I'm glad you feel better after telling people- its good to get the weight off.


----------



## Al89 (Nov 25, 2008)

I've just been diagnosed after ignoring my symptoms and just passing them off as stress and nerves for 3 years. I nearly lost my friends, I've had a terrible time at university and my parents didn't know how bad it was until I went home two weekends ago and told them about the tablets I take and my doctors appointment and the extent of my symptoms. They don't completely understand it becuse they don't have it, but it was still a relief.I'm so glad you told your mum and it has made you better. Bottling all this up has made the last three years of my life even harder than they should have been becuase I've had to tell so many lies to cover up for my disappearances and my anti-socialness.
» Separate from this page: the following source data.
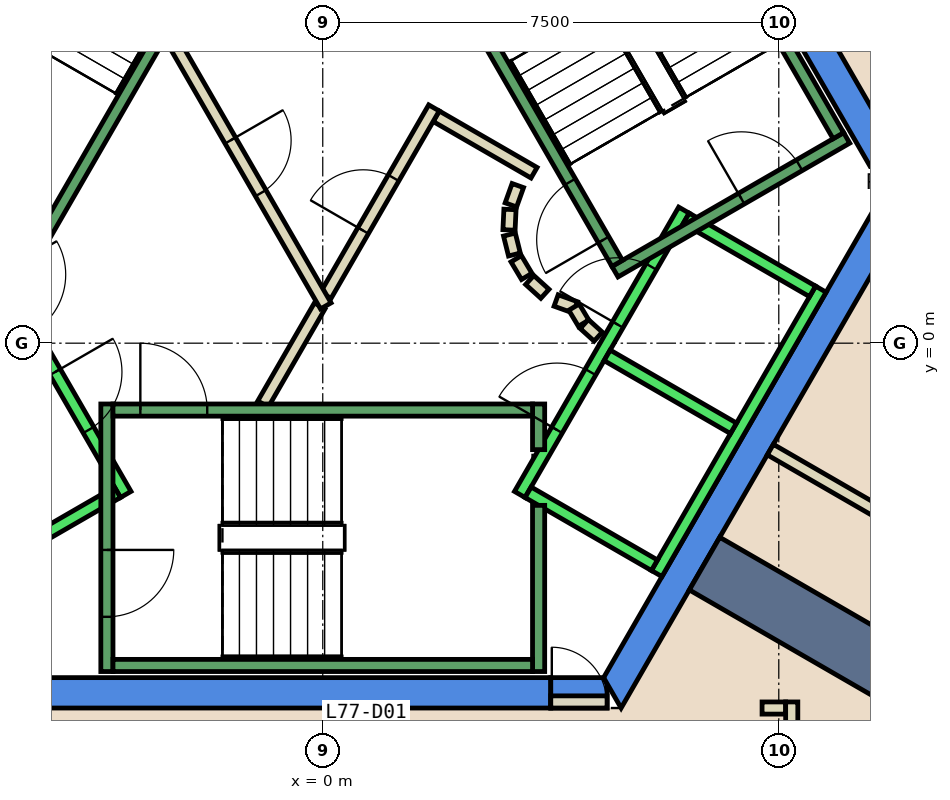
"""IFC4 building model, lengths in metres.
Left out: names, types, materials, properties, quantities, classifications, styles, units other than length and angle.
Written with IfcOpenShell. Run it as: python <this file> out.ifc"""

import sys

from ifc_helpers import new_model, si_unit, direction, frame, frame_2d, origin, place, context, subcontext, project, spatial, polyline, rectangle, outline, extrude, element, fill, save


model = new_model("IFC4")
c1 = context("Model", 3, precision=1e-05, world=origin(), true_north=direction((0.0, 1.0)))
c2 = subcontext(c1, "Body", "Model", "MODEL_VIEW")
j1 = project(units=[si_unit("LENGTHUNIT", "METRE"), si_unit("PLANEANGLEUNIT", "RADIAN")], contexts=[c1])
p1 = place(None, origin())
s1 = spatial("IfcSite", under=j1, at=p1, CompositionType="ELEMENT")
p2 = place(p1, origin())
s2 = spatial("IfcBuilding", under=s1, at=p2, CompositionType="ELEMENT")
p3 = place(p2, frame((0.0, 0.0, 326.0)))
s3 = spatial("IfcBuildingStorey", under=s2, at=p3, CompositionType="ELEMENT", Elevation=326.0)
p4 = place(p3, frame((0.0, 0.0, -0.6)))
e1 = element("IfcWall", 1, at=p4, inside=s3, PredefinedType="SHEAR", context=c2, shape_type="SweptSolid", body=[
    extrude(outline(polyline([(5.486, 9.998), (5.053, 9.748), (9.238, 2.5), (9.815, 2.5), (5.486, 9.998)])), origin(), (0.0, 0.0, 1.0), 5.55),
])
p5 = place(p3, frame((0.0, 0.0, -0.6)))
e2 = element("IfcWall", 2, at=p5, inside=s3, PredefinedType="SHEAR", context=c2, shape_type="SweptSolid", body=[
    extrude(outline(polyline([(3.75, -6.0), (3.75, -5.5), (-4.619, -5.5), (-4.907, -6.0), (3.75, -6.0)])), origin(), (0.0, 0.0, 1.0), 5.55),
])
p6 = place(p3, frame((0.0, 0.0, 3.6)))
e3 = element("IfcWall", 3, at=p6, inside=s3, PredefinedType="SHEAR", context=c2, shape_type="SweptSolid", body=[
    extrude(outline(polyline([(4.676, -6.0), (4.676, -5.6), (4.619, -5.5), (3.75, -5.5), (3.75, -6.0), (4.676, -6.0)])), origin(), (0.0, 0.0, 1.0), 1.35),
])
p7 = place(p3, frame((0.0, 0.0, -0.6)))
e4 = element("IfcWall", 4, at=p7, inside=s3, PredefinedType="SHEAR", context=c2, shape_type="SweptSolid", body=[
    extrude(outline(polyline([(4.907, -6.0), (9.815, 2.5), (9.238, 2.5), (4.619, -5.5), (4.907, -6.0)])), origin(), (0.0, 0.0, 1.0), 5.55),
])
p8 = place(p3, frame((6.279, -3.625, 0.0), z_axis=(0.0, 0.0, 1.0), x_axis=(0.866025543801, -0.499999757484, 0.0)))
e5 = element("IfcWall", 5, at=p8, inside=s3, PredefinedType="SHEAR", context=c2, shape_type="SweptSolid", body=[
    extrude(rectangle(XDim=17.452, YDim=1.0, at=frame_2d((8.726, 0.0))), origin(), (0.0, 0.0, 1.0), 4.95),
])
p9 = place(p3, frame((-0.982, -1.0, 0.0), z_axis=(0.0, 0.0, 1.0), x_axis=(0.50024047865, 0.865886518847, 0.0)))
e6 = element("IfcWall", 6, at=p9, inside=s3, PredefinedType="PARTITIONING", context=c2, shape_type="SweptSolid", body=[
    extrude(rectangle(XDim=1.863, YDim=0.2, at=frame_2d((0.931, 0.0))), origin(), (0.0, 0.0, 1.0), 4.95),
])
p10 = place(p3, frame((1.866, 3.732, 0.0), z_axis=(0.0, 0.0, 1.0), x_axis=(0.866043361281, -0.499968895414, 0.0)))
e7 = element("IfcWall", 7, at=p10, inside=s3, PredefinedType="PARTITIONING", context=c2, shape_type="SweptSolid", body=[
    extrude(rectangle(XDim=1.858, YDim=0.2, at=frame_2d((0.929, 0.0))), origin(), (0.0, 0.0, 1.0), 4.95),
])
p11 = place(p3, frame((3.208, 2.592, 0.0), z_axis=(0.0, 0.0, 1.0), x_axis=(-0.337388820924, -0.941365382578, 0.0)))
e8 = element("IfcWall", 8, at=p11, inside=s3, PredefinedType="PARTITIONING", context=c2, shape_type="SweptSolid", body=[
    extrude(rectangle(XDim=0.338, YDim=0.2, at=frame_2d((0.169, 0.0))), origin(), (0.0, 0.0, 1.0), 4.95),
])
p12 = place(p3, frame((3.079, 2.199, 0.0), z_axis=(0.0, 0.0, 1.0), x_axis=(-0.047771483479, -0.998858290933, 0.0)))
e9 = element("IfcWall", 9, at=p12, inside=s3, PredefinedType="PARTITIONING", context=c2, shape_type="SweptSolid", body=[
    extrude(rectangle(XDim=0.337, YDim=0.2, at=frame_2d((0.169, 0.0))), origin(), (0.0, 0.0, 1.0), 4.95),
])
p13 = place(p3, frame((3.07, 1.786, 0.0), z_axis=(0.0, 0.0, 1.0), x_axis=(0.242705583207, -0.970099994784, 0.0)))
e10 = element("IfcWall", 10, at=p13, inside=s3, PredefinedType="PARTITIONING", context=c2, shape_type="SweptSolid", body=[
    extrude(rectangle(XDim=0.338, YDim=0.2, at=frame_2d((0.169, 0.0))), origin(), (0.0, 0.0, 1.0), 4.95),
])
for number, where, z_axis, x_axis in (
    (11, (3.182, 1.388, 0.0), (0.0, 0.0, 1.0), (0.512, -0.859, 0.0)),
    (12, (3.404, 1.039, 0.0), (0.0, 0.0, 1.0), (0.74, -0.672, 0.0)),
):
    element("IfcWall", number, at=place(p3, frame(where, z_axis=z_axis, x_axis=x_axis)), inside=s3, PredefinedType="PARTITIONING", context=c2, shape_type="SweptSolid", body=[
        extrude(rectangle(XDim=0.338, YDim=0.2, at=frame_2d((0.169, 0.0))), origin(), (0.0, 0.0, 1.0), 4.95),
    ])
p14 = place(p3, frame((3.838, 0.702, 0.0), z_axis=(0.0, 0.0, 1.0), x_axis=(0.941035081519, -0.338308993895, 0.0)))
e13 = element("IfcWall", 13, at=p14, inside=s3, PredefinedType="PARTITIONING", context=c2, shape_type="SweptSolid", body=[
    extrude(rectangle(XDim=0.337, YDim=0.2, at=frame_2d((0.168, 0.0))), origin(), (0.0, 0.0, 1.0), 4.95),
])
p15 = place(p3, frame((4.132, 0.593, 0.0), z_axis=(0.0, 0.0, 1.0), x_axis=(0.513561617048, -0.858052717201, 0.0)))
e14 = element("IfcWall", 14, at=p15, inside=s3, PredefinedType="PARTITIONING", context=c2, shape_type="SweptSolid", body=[
    extrude(rectangle(XDim=0.308, YDim=0.2, at=frame_2d((0.154, 0.0))), origin(), (0.0, 0.0, 1.0), 4.95),
])
p16 = place(p3, frame((4.301, 0.315, 0.0), z_axis=(0.0, 0.0, 1.0), x_axis=(0.741798017506, -0.670623367639, 0.0)))
e15 = element("IfcWall", 15, at=p16, inside=s3, PredefinedType="PARTITIONING", context=c2, shape_type="SweptSolid", body=[
    extrude(rectangle(XDim=0.309, YDim=0.2, at=frame_2d((0.154, 0.0))), origin(), (0.0, 0.0, 1.0), 4.95),
])
p17 = place(p3, frame((0.05, 0.787, 0.0), z_axis=(0.0, 0.0, 1.0), x_axis=(0.499954076797, 0.866051915934, 0.0)))
e16 = element("IfcWall", 16, at=p17, inside=s3, PredefinedType="PARTITIONING", context=c2, shape_type="SweptSolid", body=[
    extrude(rectangle(XDim=3.558, YDim=0.2, at=frame_2d((1.779, 0.0))), origin(), (0.0, 0.0, 1.0), 4.95),
])
p18 = place(p17, frame((1.229, 0.0, 0.0)))
e17 = element("IfcOpeningElement", 17, at=p18, cuts=e16, PredefinedType="OPENING", context=c2, shape_type="SweptSolid", body=[
    extrude(rectangle(XDim=1.0, YDim=2.1, at=frame_2d((0.5, 1.05))), frame((0.0, 0.11, 0.0), z_axis=(0.0, -1.0, 0.0), x_axis=(1.0, 0.0, 0.0)), (0.0, 0.0, 1.0), 0.22),
])
p19 = place(p3, frame((-2.54, 5.1, 0.0), z_axis=(0.0, 0.0, 1.0), x_axis=(0.499925051871, -0.866068670783, 0.0)))
e18 = element("IfcWall", 18, at=p19, inside=s3, PredefinedType="PARTITIONING", context=c2, shape_type="SweptSolid", body=[
    extrude(rectangle(XDim=5.181, YDim=0.2, at=frame_2d((2.59, 0.0))), origin(), (0.0, 0.0, 1.0), 4.95),
])
p20 = place(p19, frame((2.04, 0.0, 0.0)))
e19 = element("IfcOpeningElement", 19, at=p20, cuts=e18, PredefinedType="OPENING", context=c2, shape_type="SweptSolid", body=[
    extrude(rectangle(XDim=1.0, YDim=2.1, at=frame_2d((0.5, 1.05))), frame((0.0, 0.11, 0.0), z_axis=(0.0, -1.0, 0.0), x_axis=(1.0, 0.0, 0.0)), (0.0, 0.0, 1.0), 0.22),
])
p21 = place(p3, frame((0.713, -6.0, 0.0), z_axis=(0.0, 0.0, 1.0), x_axis=(0.0, -1.0, 0.0)))
e20 = element("IfcWall", 20, at=p21, inside=s3, PredefinedType="PARTITIONING", context=c2, shape_type="SweptSolid", body=[
    extrude(rectangle(XDim=2.95, YDim=0.2, at=frame_2d((1.475, 0.0))), origin(), (0.0, 0.0, 1.0), 4.95),
])
p22 = place(p21, frame((0.586, 0.0, 0.0)))
e21 = element("IfcOpeningElement", 21, at=p22, cuts=e20, PredefinedType="OPENING", context=c2, shape_type="SweptSolid", body=[
    extrude(rectangle(XDim=1.0, YDim=2.1, at=frame_2d((0.5, 1.05))), frame((0.0, 0.11, 0.0), z_axis=(0.0, -1.0, 0.0), x_axis=(1.0, 0.0, 0.0)), (0.0, 0.0, 1.0), 0.22),
])
p23 = place(p3, frame((7.225, -6.0, 0.0), z_axis=(0.0, 0.0, 1.0), x_axis=(1.0, 0.0, 0.0)))
e22 = element("IfcWall", 22, at=p23, inside=s3, PredefinedType="PARTITIONING", context=c2, shape_type="SweptSolid", body=[
    extrude(rectangle(XDim=0.388, YDim=0.2, at=frame_2d((0.194, 0.0))), origin(), (0.0, 0.0, 1.0), 2.55),
])
p24 = place(p3, frame((7.713, -5.9, 0.0), z_axis=(0.0, 0.0, 1.0), x_axis=(0.0, -1.0, 0.0)))
e23 = element("IfcWall", 23, at=p24, inside=s3, PredefinedType="PARTITIONING", context=c2, shape_type="SweptSolid", body=[
    extrude(rectangle(XDim=0.574, YDim=0.2, at=frame_2d((0.287, 0.0))), origin(), (0.0, 0.0, 1.0), 2.55),
])
p25 = place(p3, frame((7.361, -1.75, 0.0), z_axis=(0.0, 0.0, 1.0), x_axis=(0.866053019151, -0.499952165731, 0.0)))
e24 = element("IfcWall", 24, at=p25, inside=s3, PredefinedType="PARTITIONING", context=c2, shape_type="SweptSolid", body=[
    extrude(rectangle(XDim=2.3, YDim=0.2, at=frame_2d((1.15, 0.0))), origin(), (0.0, 0.0, 1.0), 4.95),
])
p26 = place(p3, frame((3.75, -5.9, 0.0), z_axis=(0.0, 0.0, 1.0), x_axis=(1.0, 0.0, 0.0)))
e25 = element("IfcWall", 25, at=p26, inside=s3, PredefinedType="PARTITIONING", context=c2, shape_type="SweptSolid", body=[
    extrude(rectangle(XDim=0.926, YDim=0.2, at=frame_2d((0.463, 0.0))), origin(), (0.0, 0.0, 1.0), 2.4),
])
p27 = place(p26, frame((0.017, 0.0, 0.0)))
e26 = element("IfcOpeningElement", 26, at=p27, cuts=e25, PredefinedType="OPENING", context=c2, shape_type="SweptSolid", body=[
    extrude(rectangle(XDim=0.9, YDim=2.1, at=frame_2d((0.45, 1.05))), frame((0.0, 0.11, 0.0), z_axis=(0.0, -1.0, 0.0), x_axis=(1.0, 0.0, 0.0)), (0.0, 0.0, 1.0), 0.22),
])
p28 = place(p3, frame((-5.94, 2.188, 0.0), z_axis=(0.0, 0.0, 1.0), x_axis=(0.500034260056, -0.866005622828, 0.0)))
e27 = element("IfcWall", 27, at=p28, inside=s3, PredefinedType="STANDARD", context=c2, shape_type="SweptSolid", body=[
    extrude(rectangle(XDim=5.399, YDim=0.2, at=frame_2d((2.7, 0.0))), origin(), (0.0, 0.0, 1.0), 4.95),
])
p29 = place(p28, frame((3.075, 0.0, 0.0)))
e28 = element("IfcOpeningElement", 28, at=p29, cuts=e27, PredefinedType="OPENING", context=c2, shape_type="SweptSolid", body=[
    extrude(rectangle(XDim=1.1, YDim=2.1, at=frame_2d((0.55, 1.05))), frame((0.0, 0.11, 0.0), z_axis=(0.0, -1.0, 0.0), x_axis=(1.0, 0.0, 0.0)), (0.0, 0.0, 1.0), 0.22),
])
p30 = place(p28, frame((1.225, 0.0, 0.0)))
e29 = element("IfcOpeningElement", 29, at=p30, cuts=e27, PredefinedType="OPENING", context=c2, shape_type="SweptSolid", body=[
    extrude(rectangle(XDim=1.1, YDim=2.1, at=frame_2d((0.55, 1.05))), frame((0.0, 0.11, 0.0), z_axis=(0.0, -1.0, 0.0), x_axis=(1.0, 0.0, 0.0)), (0.0, 0.0, 1.0), 0.22),
])
p31 = place(p3, frame((-3.377, -2.452, 0.0), z_axis=(0.0, 0.0, 1.0), x_axis=(-0.865955154139, -0.50012165622, 0.0)))
e30 = element("IfcWall", 30, at=p31, inside=s3, PredefinedType="STANDARD", context=c2, shape_type="SweptSolid", body=[
    extrude(rectangle(XDim=2.4, YDim=0.2, at=frame_2d((1.2, 0.0))), origin(), (0.0, 0.0, 1.0), 4.95),
])
p32 = place(p3, frame((3.24, -2.488, 0.0), z_axis=(0.0, 0.0, 1.0), x_axis=(0.500034260056, 0.866005622828, 0.0)))
e31 = element("IfcWall", 31, at=p32, inside=s3, PredefinedType="STANDARD", context=c2, shape_type="SweptSolid", body=[
    extrude(rectangle(XDim=5.399, YDim=0.2, at=frame_2d((2.7, 0.0))), origin(), (0.0, 0.0, 1.0), 4.95),
])
p33 = place(p32, frame((3.225, 0.0, 0.0)))
e32 = element("IfcOpeningElement", 32, at=p33, cuts=e31, PredefinedType="OPENING", context=c2, shape_type="SweptSolid", body=[
    extrude(rectangle(XDim=1.1, YDim=2.1, at=frame_2d((0.55, 1.05))), frame((0.0, 0.11, 0.0), z_axis=(0.0, -1.0, 0.0), x_axis=(1.0, 0.0, 0.0)), (0.0, 0.0, 1.0), 0.22),
])
p34 = place(p32, frame((1.225, 0.0, 0.0)))
e33 = element("IfcOpeningElement", 33, at=p34, cuts=e31, PredefinedType="OPENING", context=c2, shape_type="SweptSolid", body=[
    extrude(rectangle(XDim=1.1, YDim=2.1, at=frame_2d((0.55, 1.05))), frame((0.0, 0.11, 0.0), z_axis=(0.0, -1.0, 0.0), x_axis=(1.0, 0.0, 0.0)), (0.0, 0.0, 1.0), 0.22),
])
p35 = place(p3, frame((5.492, -3.788, 0.0), z_axis=(0.0, 0.0, 1.0), x_axis=(0.500034260056, 0.866005622828, 0.0)))
e34 = element("IfcWall", 34, at=p35, inside=s3, PredefinedType="STANDARD", context=c2, shape_type="SweptSolid", body=[
    extrude(rectangle(XDim=5.399, YDim=0.2, at=frame_2d((2.7, 0.0))), origin(), (0.0, 0.0, 1.0), 4.95),
])
p36 = place(p3, frame((3.377, -2.452, 0.0), z_axis=(0.0, 0.0, 1.0), x_axis=(0.865955154139, -0.50012165622, 0.0)))
e35 = element("IfcWall", 35, at=p36, inside=s3, PredefinedType="STANDARD", context=c2, shape_type="SweptSolid", body=[
    extrude(rectangle(XDim=2.4, YDim=0.2, at=frame_2d((1.2, 0.0))), origin(), (0.0, 0.0, 1.0), 4.95),
])
for number, where, z_axis, x_axis in (
    (36, (4.677, -0.2, 0.0), (0.0, 0.0, 1.0), (0.866, -0.5, 0.0)),
    (37, (5.977, 2.052, 0.0), (0.0, 0.0, 1.0), (0.866, -0.5, 0.0)),
):
    element("IfcWall", number, at=place(p3, frame(where, z_axis=z_axis, x_axis=x_axis)), inside=s3, PredefinedType="STANDARD", context=c2, shape_type="SweptSolid", body=[
        extrude(rectangle(XDim=2.399, YDim=0.2, at=frame_2d((1.2, 0.0))), origin(), (0.0, 0.0, 1.0), 4.95),
    ])
p37 = place(p3, frame((-3.55, -1.0, 0.0), z_axis=(0.0, 0.0, 1.0), x_axis=(0.0, -1.0, 0.0)))
e38 = element("IfcWall", 38, at=p37, inside=s3, PredefinedType="STANDARD", context=c2, shape_type="SweptSolid", body=[
    extrude(rectangle(XDim=4.4, YDim=0.2, at=frame_2d((2.2, 0.0))), origin(), (0.0, 0.0, 1.0), 4.95),
])
p38 = place(p37, frame((2.4, 0.0, 0.0)))
e39 = element("IfcOpeningElement", 39, at=p38, cuts=e38, PredefinedType="OPENING", context=c2, shape_type="SweptSolid", body=[
    extrude(rectangle(XDim=1.1, YDim=2.2, at=frame_2d((0.55, 1.1))), frame((0.0, 0.11, 0.0), z_axis=(0.0, -1.0, 0.0), x_axis=(1.0, 0.0, 0.0)), (0.0, 0.0, 1.0), 0.22),
])
p39 = place(p3, frame((3.55, -2.667, 0.0), z_axis=(0.0, 0.0, 1.0), x_axis=(0.0, -1.0, 0.0)))
e40 = element("IfcWall", 40, at=p39, inside=s3, PredefinedType="STANDARD", context=c2, shape_type="SweptSolid", body=[
    extrude(rectangle(XDim=2.733, YDim=0.2, at=frame_2d((1.366, 0.0))), origin(), (0.0, 0.0, 1.0), 4.95),
])
p40 = place(p3, frame((3.55, -1.0, 0.0), z_axis=(0.0, 0.0, 1.0), x_axis=(0.0, -1.0, 0.0)))
e41 = element("IfcWall", 41, at=p40, inside=s3, PredefinedType="STANDARD", context=c2, shape_type="SweptSolid", body=[
    extrude(rectangle(XDim=0.751, YDim=0.2, at=frame_2d((0.375, 0.0))), origin(), (0.0, 0.0, 1.0), 4.95),
])
p41 = place(p3, frame((-3.45, -1.1, 0.0), z_axis=(0.0, 0.0, 1.0), x_axis=(1.0, 0.0, 0.0)))
e42 = element("IfcWall", 42, at=p41, inside=s3, PredefinedType="STANDARD", context=c2, shape_type="SweptSolid", body=[
    extrude(rectangle(XDim=6.9, YDim=0.2, at=frame_2d((3.45, 0.0))), origin(), (0.0, 0.0, 1.0), 4.95),
])
p42 = place(p41, frame((0.45, 0.0, 0.0)))
e43 = element("IfcOpeningElement", 43, at=p42, cuts=e42, PredefinedType="OPENING", context=c2, shape_type="SweptSolid", body=[
    extrude(rectangle(XDim=1.1, YDim=2.2, at=frame_2d((0.55, 1.1))), frame((0.0, 0.11, 0.0), z_axis=(0.0, -1.0, 0.0), x_axis=(1.0, 0.0, 0.0)), (0.0, 0.0, 1.0), 0.22),
])
p43 = place(p3, frame((-3.45, -5.3, 0.0), z_axis=(0.0, 0.0, 1.0), x_axis=(1.0, 0.0, 0.0)))
e44 = element("IfcWall", 44, at=p43, inside=s3, PredefinedType="STANDARD", context=c2, shape_type="SweptSolid", body=[
    extrude(rectangle(XDim=6.9, YDim=0.2, at=frame_2d((3.45, 0.0))), origin(), (0.0, 0.0, 1.0), 4.95),
])
p44 = place(p3, frame((4.806, 1.176, 0.0), z_axis=(0.0, 0.0, 1.0), x_axis=(0.866059941101, 0.499940174841, 0.0)))
e45 = element("IfcWall", 45, at=p44, inside=s3, PredefinedType="STANDARD", context=c2, shape_type="SweptSolid", body=[
    extrude(rectangle(XDim=4.4, YDim=0.2, at=frame_2d((2.2, 0.0))), origin(), (0.0, 0.0, 1.0), 4.95),
])
p45 = place(p44, frame((2.4, 0.0, 0.0)))
e46 = element("IfcOpeningElement", 46, at=p45, cuts=e45, PredefinedType="OPENING", context=c2, shape_type="SweptSolid", body=[
    extrude(rectangle(XDim=1.1, YDim=2.2, at=frame_2d((0.55, 1.1))), frame((0.0, 0.11, 0.0), z_axis=(0.0, -1.0, 0.0), x_axis=(1.0, 0.0, 0.0)), (0.0, 0.0, 1.0), 0.22),
])
p46 = place(p3, frame((4.843, 1.312, 0.0), z_axis=(0.0, 0.0, 1.0), x_axis=(-0.499963383562, 0.866046543262, 0.0)))
e47 = element("IfcWall", 47, at=p46, inside=s3, PredefinedType="STANDARD", context=c2, shape_type="SweptSolid", body=[
    extrude(rectangle(XDim=6.9, YDim=0.2, at=frame_2d((3.45, 0.0))), origin(), (0.0, 0.0, 1.0), 4.95),
])
p47 = place(p46, frame((0.45, 0.0, 0.0)))
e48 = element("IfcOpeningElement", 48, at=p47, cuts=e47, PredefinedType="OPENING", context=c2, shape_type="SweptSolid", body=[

Talking really does help.


----------



## degrassi (Jun 10, 2003)

Its definitely better telling people and most understand, or atleast try to. I wouldn't be able to do it without my family and friends. My parents have been great and completely understanding. They see how bad it is and do everything to try to help. My friends are also great. They know sometimes I will have to cancel plans at the last minute or that I'd rather stay home then go out. They understand and never give me a hard time about it. It is hard making new friends and trying to tell them but so far everyone has been cool about it. When they want to make plans I usually just say "I'll have to see how I feel that day". IF I can't do something one day, there is always next time. I'm glad you told your parents. I hope you can find a bit of relief for your IBS now.


----------



## Chic_Icelander (Dec 28, 2009)

I kept it a secret from my friends for years after I was diagnosed. I always made up excuses as to why I couldn't hang out with them and why I had to be homeschooled for the last 2 years of high school because I was so embarrassed. Finally, I broke down and told one of my friends, expecting him to laugh at me or make a joke but instead, he listened to me. After I poured my heart out he told me that I should tell a different friend everyday. At first I thought he was kidding but he wasn't... so for a week straight I told a different friend about my IBS and was generally shocked at the support I got! Now, instead of my friends getting mad and me having to make up excuses because I blow off plans, I just tell them my stomach is acting up and they totally understand. It was such a relief to finally let my friends know what was really going on and like I said, you just might be shocked at the support and understanding you will receive.


----------



## Ginge...:) (May 7, 2010)

I battled with my IBS for 2 years, from the age of 14, on my own before telling my mam about it (i am now 17). I only really spoke to her about it when i found that she developed it around the same time that i did, because of a traumatic event that took place in the family. After speaking to her i finally got the courage to go to the doctors, get some tablets and start learning how to control it. I find that people knowing about it makes it easier and people are much more understanding than i had thought. Most of my family know about it and i have confided in a couple of friends, all of which are supportive. However, i am now in a relationship and am finding it difficult to cope with. For example, i had a family bbq yesterday, which he came to. The day was brilliant, i actually managed to eat a lot of food and it did not cause issues. However, he wanted to stay over my house as it was late by the time he was going home. I found this made me feel nervous as mornings are usually difficult for me. I would have loved him to stay over and i feel like im stopping myself getting close to him because of my symptoms. Should i tell him about my IBS? My mam thinks i should, but it is difficult and embarrassing and i am scared about how he would react...


----------



## anonymous313 (Jul 6, 2010)

Ginge...:) said:


> I battled with my IBS for 2 years, from the age of 14, on my own before telling my mam about it (i am now 17). I only really spoke to her about it when i found that she developed it around the same time that i did, because of a traumatic event that took place in the family. After speaking to her i finally got the courage to go to the doctors, get some tablets and start learning how to control it. I find that people knowing about it makes it easier and people are much more understanding than i had thought. Most of my family know about it and i have confided in a couple of friends, all of which are supportive. However, i am now in a relationship and am finding it difficult to cope with. For example, i had a family bbq yesterday, which he came to. The day was brilliant, i actually managed to eat a lot of food and it did not cause issues. However, he wanted to stay over my house as it was late by the time he was going home. I found this made me feel nervous as mornings are usually difficult for me. I would have loved him to stay over and i feel like im stopping myself getting close to him because of my symptoms. Should i tell him about my IBS? My mam thinks i should, but it is difficult and embarrassing and i am scared about how he would react...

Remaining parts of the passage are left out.